Кристина отодвинула чашку с блюдцем, задумчиво перевернула чашку.
– Да.
– Но не встанешь.
– Нет.
– Почему нет?
– Давай поговорим о чем-нибудь еще, – предложила Кристина. – Куда ты полетишь в следующий раз? В Кению? Бонн? Токио?
– Почему нет?
– Потому что я устала от таких, как ты, – отчеканила Кристина. – Я устала от корреспондентов, пилотов, перспективных чиновников. Устала от всех этих талантливых молодых людей, которые постоянно куда-то улетают, чтобы сообщить целому миру о революции, заключить перемирие или умереть на войне. Я устала от аэропортов, устала провожать людей. Устала от того, что мне не разрешено плакать до взлета самолета, от необходимости всегда и всюду приходить вовремя. Устала отвечать на телефонные звонки. Устала от избалованной, всезнающей международной тусовки. Устала обедать с людьми, которых когда-то любила, а теперь должна вежливо болтать с их приятелями. Устала от того, что меня передают из рук в руки. Устала любить людей больше, чем они любят меня. Я ответила на твой вопрос?
– Более или менее. – Беддоуз удивлялся, что сидящие за другими столиками не обращали на них ни малейшего внимания.
– Когда ты улетел в Египет, я приняла решение, – ровным голосом продолжила Кристина. – Постояла у сетки ограждения, глядя, как заправляют громадные самолеты, вытерла слезы и решила: в следующий раз улечу я, а кто-то другой будет стоять с разбитым сердцем.
– И ты его нашла.
– Я его нашла, – подтвердила Кристина. – Но я не собираюсь разбивать ему сердце.
Беддоуз взял ее руки в свои. Она не отреагировала.
– Крис…
Она смотрела в окно. Миленькая, юная, спокойная.
Ему вдруг вспомнилась их первая встреча, вспомнились другие красивые девушки, которых он знал, вспомнилось, как она выглядела рядом с ним в постели номера маленького отеля всего три месяца назад, под лучами утреннего осеннего солнца, льющимися в окно, из которого открывался прекрасный вид на отроги Альп и далекое море. Держа в руках такие знакомые девичьи пальчики, он думал о том, что все переменится, если ему удастся заставить ее повернуть голову.
– Крис…
Но она не повернула головы.
– Напиши мне в Сиэтл, – сказала она, глядя в окно, на котором оседали капельки влаги и в котором отражались люстры кафе и уличные фонари.

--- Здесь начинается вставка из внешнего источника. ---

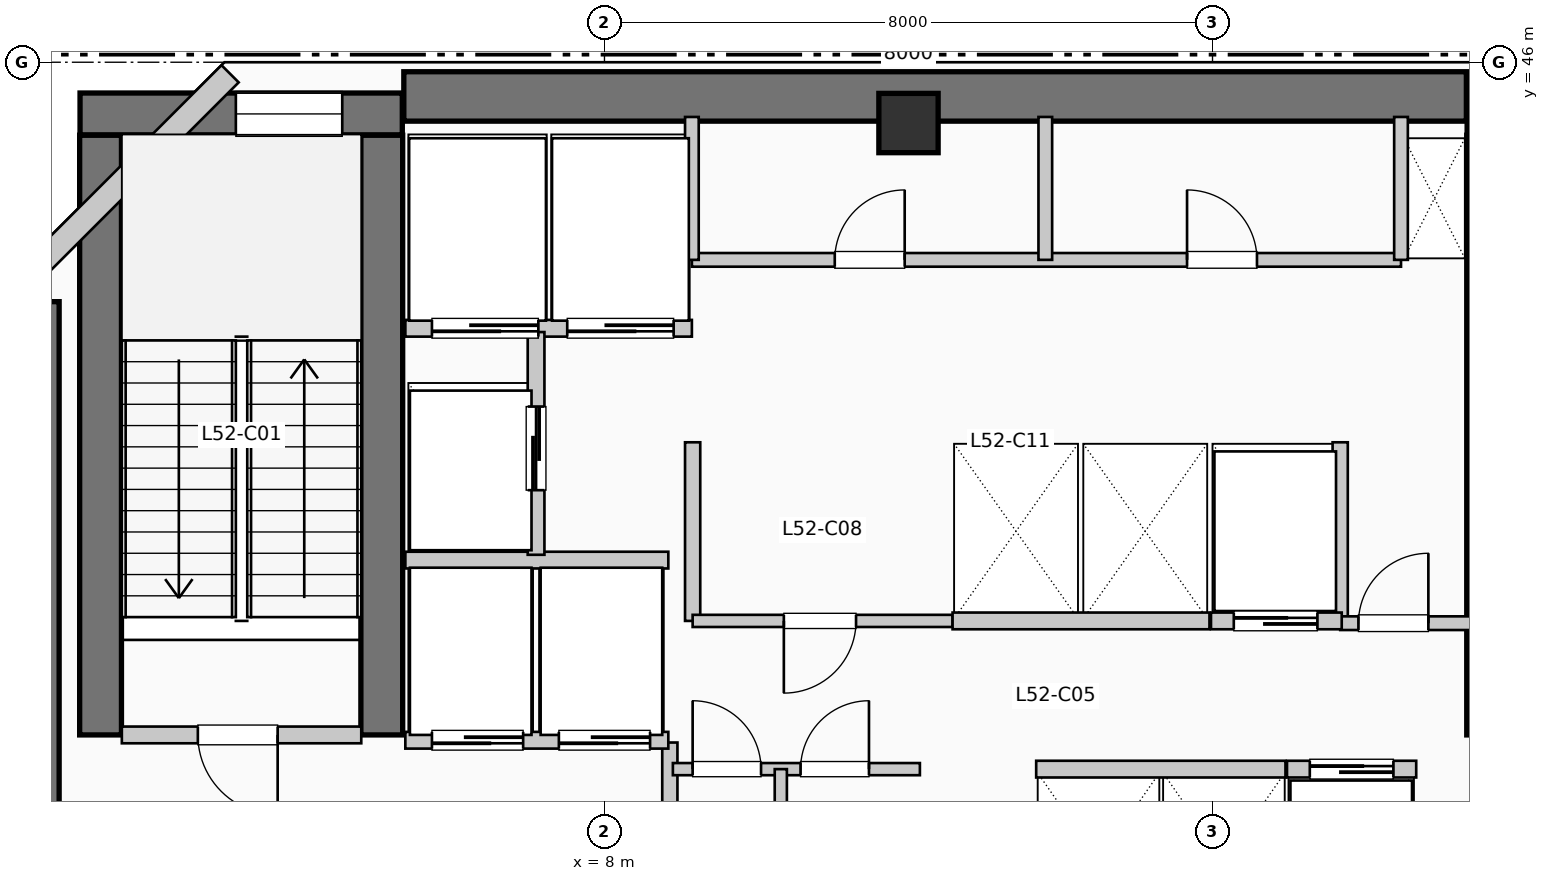
"""IFC4 building model, lengths in metres.
Left out: names, types, materials, properties, quantities, classifications, styles, units other than length and angle.
Written with IfcOpenShell. Run it as: python <this file> out.ifc"""

import sys

from ifc_helpers import new_model, si_unit, direction, frame, frame_2d, origin, origin_2d, place, context, subcontext, project, spatial, rectangle, extrude, element, fill, save


model = new_model("IFC4")
c1 = context("Model", 3, precision=1e-05, world=origin(), true_north=direction((0.0, 1.0)))
c2 = subcontext(c1, "Body", "Model", "MODEL_VIEW")
j1 = project(units=[si_unit("LENGTHUNIT", "METRE"), si_unit("PLANEANGLEUNIT", "RADIAN")], contexts=[c1])
p1 = place(None, origin())
s1 = spatial("IfcSite", under=j1, at=p1, CompositionType="ELEMENT")
p2 = place(p1, origin())
s2 = spatial("IfcBuilding", under=s1, at=p2, CompositionType="ELEMENT")
p3 = place(p2, frame((0.0, 0.0, 215.16)))
s3 = spatial("IfcBuildingStorey", under=s2, at=p3, CompositionType="ELEMENT", Elevation=215.16)
p4 = place(p3, frame((5.36, 45.55, 0.0), z_axis=(0.0, 0.0, 1.0), x_axis=(1.0, 0.0, 0.0)))
e1 = element("IfcWall", 1, at=p4, inside=s3, PredefinedType="SHEAR", context=c2, shape_type="SweptSolid", body=[
    extrude(rectangle(XDim=13.98, YDim=0.65, at=frame_2d((6.99, 0.0))), origin(), (0.0, 0.0, 1.0), 4.62),
])
p5 = place(p3, frame((0.5, 34.95, 0.0), z_axis=(0.0, 0.0, 1.0), x_axis=(0.0, 1.0, 0.0)))
e2 = element("IfcWall", 2, at=p5, inside=s3, PredefinedType="SHEAR", context=c2, shape_type="SweptSolid", body=[
    extrude(rectangle(XDim=7.9, YDim=0.65, at=frame_2d((3.95, 0.0))), origin(), (0.0, 0.0, 1.0), 4.62),
])
for number, where, z_axis, x_axis in (
    (3, (1.37, 37.15, 0.0), (0.0, 0.0, 1.0), (0.0, 1.0, 0.0)),
    (4, (5.07, 37.15, 0.0), (0.0, 0.0, 1.0), (0.0, 1.0, 0.0)),
):
    element("IfcWall", number, at=place(p3, frame(where, z_axis=z_axis, x_axis=x_axis)), inside=s3, PredefinedType="SHEAR", context=c2, shape_type="SweptSolid", body=[
        extrude(rectangle(XDim=7.89, YDim=0.55, at=frame_2d((3.945, 0.0))), origin(), (0.0, 0.0, 1.0), 4.62),
    ])
p6 = place(p3, frame((1.1, 45.32, 0.0), z_axis=(0.0, 0.0, 1.0), x_axis=(1.0, 0.0, 0.0)))
e5 = element("IfcWall", 5, at=p6, inside=s3, PredefinedType="SHEAR", context=c2, shape_type="SweptSolid", body=[
    extrude(rectangle(XDim=4.24, YDim=0.55, at=frame_2d((2.12, 0.0))), origin(), (0.0, 0.0, 1.0), 4.62),
])
p7 = place(p6, frame((2.05, 0.0, 1.05)))
e6 = element("IfcOpeningElement", 6, at=p7, cuts=e5, PredefinedType="OPENING", context=c2, shape_type="SweptSolid", body=[
    extrude(rectangle(XDim=1.4, YDim=1.8, at=frame_2d((0.7, 0.9))), frame((0.0, 0.285, 0.0), z_axis=(0.0, -1.0, 0.0), x_axis=(1.0, 0.0, 0.0)), (0.0, 0.0, 1.0), 0.57),
])
p8 = place(p3, frame((19.62, 37.15, 0.0), z_axis=(0.0, 0.0, 1.0), x_axis=(0.0, 1.0, 0.0)))
e7 = element("IfcWall", 7, at=p8, inside=s3, PredefinedType="SHEAR", context=c2, shape_type="SweptSolid", body=[
    extrude(rectangle(XDim=7.89, YDim=0.55, at=frame_2d((3.945, 0.0))), origin(), (0.0, 0.0, 1.0), 4.62),
])
p9 = place(p3, frame((19.35, 45.32, 0.0), z_axis=(0.0, 0.0, 1.0), x_axis=(1.0, 0.0, 0.0)))
e8 = element("IfcWall", 8, at=p9, inside=s3, PredefinedType="SHEAR", context=c2, shape_type="SweptSolid", body=[
    extrude(rectangle(XDim=3.69, YDim=0.55, at=frame_2d((1.845, 0.0))), origin(), (0.0, 0.0, 1.0), 4.62),
])
p10 = place(p9, frame((1.15, 0.0, 1.05)))
e9 = element("IfcOpeningElement", 9, at=p10, cuts=e8, PredefinedType="OPENING", context=c2, shape_type="SweptSolid", body=[
    extrude(rectangle(XDim=1.4, YDim=1.8, at=frame_2d((0.7, 0.9))), frame((0.0, 0.285, 0.0), z_axis=(0.0, -1.0, 0.0), x_axis=(1.0, 0.0, 0.0)), (0.0, 0.0, 1.0), 0.57),
])
p11 = place(p3, frame((12.0, 45.2, 0.0), z_axis=(0.0, 0.0, 1.0), x_axis=(1.0, 0.0, 0.0)))
e10 = element("IfcColumn", 10, at=p11, inside=s3, PredefinedType="COLUMN", context=c2, shape_type="SweptSolid", body=[
    extrude(rectangle(XDim=0.78, YDim=0.78, at=origin_2d()), origin(), (0.0, 0.0, 1.0), 4.62),
])
p12 = place(p3, frame((3.074, 45.848, 0.0), z_axis=(0.0, 0.0, 1.0), x_axis=(-0.707106781187, -0.707106781187, 0.0)))
e11 = element("IfcWall", 11, at=p12, inside=s3, PredefinedType="SOLIDWALL", context=c2, shape_type="SweptSolid", body=[
    extrude(rectangle(XDim=4.133, YDim=0.32, at=frame_2d((2.066, 0.0))), origin(), (0.0, 0.0, 1.0), 4.37),
])
p13 = place(p3, frame((1.65, 37.15, 0.0), z_axis=(0.0, 0.0, 1.0), x_axis=(1.0, 0.0, 0.0)))
e12 = element("IfcWall", 12, at=p13, inside=s3, PredefinedType="PARTITIONING", context=c2, shape_type="SweptSolid", body=[
    extrude(rectangle(XDim=3.15, YDim=0.22, at=frame_2d((1.575, 0.0))), origin(), (0.0, 0.0, 1.0), 4.37),
])
p14 = place(p13, frame((2.05, 0.0, 0.0), z_axis=(0.0, 0.0, 1.0), x_axis=(-1.0, 0.0, 0.0)))
e13 = element("IfcOpeningElement", 13, at=p14, cuts=e12, PredefinedType="OPENING", context=c2, shape_type="SweptSolid", body=[
    extrude(rectangle(XDim=1.05, YDim=2.15, at=frame_2d((0.525, 1.075))), frame((0.0, 0.12, 0.0), z_axis=(0.0, -1.0, 0.0), x_axis=(1.0, 0.0, 0.0)), (0.0, 0.0, 1.0), 0.24),
])
p15 = place(p3, frame((8.86, 34.55, 0.0), z_axis=(0.0, 0.0, 1.0), x_axis=(0.0, 1.0, 0.0)))
e14 = element("IfcWall", 14, at=p15, inside=s3, PredefinedType="PARTITIONING", context=c2, shape_type="SweptSolid", body=[
    extrude(rectangle(XDim=2.5, YDim=0.2, at=frame_2d((1.25, 0.0))), origin(), (0.0, 0.0, 1.0), 4.37),
])
p16 = place(p3, frame((5.38, 37.08, 0.0), z_axis=(0.0, 0.0, 1.0), x_axis=(1.0, 0.0, 0.0)))
e15 = element("IfcWall", 15, at=p16, inside=s3, PredefinedType="PARTITIONING", context=c2, shape_type="SweptSolid", body=[
    extrude(rectangle(XDim=3.46, YDim=0.22, at=frame_2d((1.73, 0.0))), origin(), (0.0, 0.0, 1.0), 4.37),
])
p17 = place(p16, frame((1.55, 0.0, 0.0), z_axis=(0.0, 0.0, 1.0), x_axis=(-1.0, 0.0, 0.0)))
e16 = element("IfcOpeningElement", 16, at=p17, cuts=e15, PredefinedType="OPENING", context=c2, shape_type="SweptSolid", body=[
    extrude(rectangle(XDim=1.2, YDim=2.2, at=frame_2d((0.6, 1.1))), frame((0.0, 0.12, 0.0), z_axis=(0.0, -1.0, 0.0), x_axis=(1.0, 0.0, 0.0)), (0.0, 0.0, 1.0), 0.24),
])
p18 = place(p16, frame((3.22, 0.0, 0.0), z_axis=(0.0, 0.0, 1.0), x_axis=(-1.0, 0.0, 0.0)))
e17 = element("IfcOpeningElement", 17, at=p18, cuts=e15, PredefinedType="OPENING", context=c2, shape_type="SweptSolid", body=[
    extrude(rectangle(XDim=1.2, YDim=2.2, at=frame_2d((0.6, 1.1))), frame((0.0, 0.12, 0.0), z_axis=(0.0, -1.0, 0.0), x_axis=(1.0, 0.0, 0.0)), (0.0, 0.0, 1.0), 0.24),
])
p19 = place(p3, frame((5.38, 39.45, 0.0), z_axis=(0.0, 0.0, 1.0), x_axis=(1.0, 0.0, 0.0)))
e18 = element("IfcWall", 18, at=p19, inside=s3, PredefinedType="PARTITIONING", context=c2, shape_type="SweptSolid", body=[
    extrude(rectangle(XDim=3.46, YDim=0.22, at=frame_2d((1.73, 0.0))), origin(), (0.0, 0.0, 1.0), 4.37),
])
p20 = place(p3, frame((5.38, 42.5, 0.0), z_axis=(0.0, 0.0, 1.0), x_axis=(1.0, 0.0, 0.0)))
e19 = element("IfcWall", 19, at=p20, inside=s3, PredefinedType="PARTITIONING", context=c2, shape_type="SweptSolid", body=[
    extrude(rectangle(XDim=3.77, YDim=0.22, at=frame_2d((1.885, 0.0))), origin(), (0.0, 0.0, 1.0), 4.37),
])
p21 = place(p20, frame((1.75, 0.0, 0.0), z_axis=(0.0, 0.0, 1.0), x_axis=(-1.0, 0.0, 0.0)))
e20 = element("IfcOpeningElement", 20, at=p21, cuts=e19, PredefinedType="OPENING", context=c2, shape_type="SweptSolid", body=[
    extrude(rectangle(XDim=1.4, YDim=2.2, at=frame_2d((0.7, 1.1))), frame((0.0, 0.12, 0.0), z_axis=(0.0, -1.0, 0.0), x_axis=(1.0, 0.0, 0.0)), (0.0, 0.0, 1.0), 0.24),
])
p22 = place(p20, frame((3.53, 0.0, 0.0), z_axis=(0.0, 0.0, 1.0), x_axis=(-1.0, 0.0, 0.0)))
e21 = element("IfcOpeningElement", 21, at=p22, cuts=e19, PredefinedType="OPENING", context=c2, shape_type="SweptSolid", body=[
    extrude(rectangle(XDim=1.4, YDim=2.2, at=frame_2d((0.7, 1.1))), frame((0.0, 0.12, 0.0), z_axis=(0.0, -1.0, 0.0), x_axis=(1.0, 0.0, 0.0)), (0.0, 0.0, 1.0), 0.24),
])
p23 = place(p3, frame((7.1, 39.52, 0.0), z_axis=(0.0, 0.0, 1.0), x_axis=(0.0, 1.0, 0.0)))
e22 = element("IfcWall", 22, at=p23, inside=s3, PredefinedType="PARTITIONING", context=c2, shape_type="SweptSolid", body=[
    extrude(rectangle(XDim=2.93, YDim=0.22, at=frame_2d((1.465, 0.0))), origin(), (0.0, 0.0, 1.0), 4.37),
])
p24 = place(p23, frame((0.85, 0.0, 0.0)))
e23 = element("IfcOpeningElement", 23, at=p24, cuts=e22, PredefinedType="OPENING", context=c2, shape_type="SweptSolid", body=[
    extrude(rectangle(XDim=1.1, YDim=2.2, at=frame_2d((0.55, 1.1))), frame((0.0, 0.12, 0.0), z_axis=(0.0, -1.0, 0.0), x_axis=(1.0, 0.0, 0.0)), (0.0, 0.0, 1.0), 0.24),
])
for number, where, z_axis, x_axis in (
    (24, (9.16, 38.65, 0.0), (0.0, 0.0, 1.0), (0.0, 1.0, 0.0)),
    (25, (17.68, 38.65, 0.0), (0.0, 0.0, 1.0), (0.0, 1.0, 0.0)),
):
    element("IfcWall", number, at=place(p3, frame(where, z_axis=z_axis, x_axis=x_axis)), inside=s3, PredefinedType="PARTITIONING", context=c2, shape_type="SweptSolid", body=[
        extrude(rectangle(XDim=2.35, YDim=0.2, at=frame_2d((1.175, 0.0))), origin(), (0.0, 0.0, 1.0), 4.37),
    ])
p25 = place(p3, frame((17.68, 38.62, 0.0), z_axis=(0.0, 0.0, 1.0), x_axis=(1.0, 0.0, 0.0)))
e26 = element("IfcWall", 26, at=p25, inside=s3, PredefinedType="PARTITIONING", context=c2, shape_type="SweptSolid", body=[
    extrude(rectangle(XDim=1.84, YDim=0.18, at=frame_2d((0.92, 0.0))), origin(), (0.0, 0.0, 1.0), 4.37),
])
p26 = place(p25, frame((0.24, 0.0, 0.0)))
e27 = element("IfcOpeningElement", 27, at=p26, cuts=e26, PredefinedType="OPENING", context=c2, shape_type="SweptSolid", body=[
    extrude(rectangle(XDim=0.92, YDim=2.1, at=frame_2d((0.46, 1.05))), frame((0.0, 0.1, 0.0), z_axis=(0.0, -1.0, 0.0), x_axis=(1.0, 0.0, 0.0)), (0.0, 0.0, 1.0), 0.2),
])
p27 = place(p3, frame((8.9, 36.7, 0.0), z_axis=(0.0, 0.0, 1.0), x_axis=(1.0, 0.0, 0.0)))
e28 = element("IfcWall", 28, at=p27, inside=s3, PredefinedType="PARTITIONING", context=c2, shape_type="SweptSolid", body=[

Беддоуз отпустил ее руки. Кристина положила их на стол. На ногтях чуть поблескивал бледный лак. Беддоуз встал.
– Я лучше пойду. – Слова давались ему с трудом, все звуки эхом отдавались в висках. «Господи, – думал он, – я старею, скоро я буду плакать в ресторанах». – Я не хочу ждать чек. Скажи своему приятелю, что я не смогу пообедать с вами и прошу прощения за то, что оставил ему чек.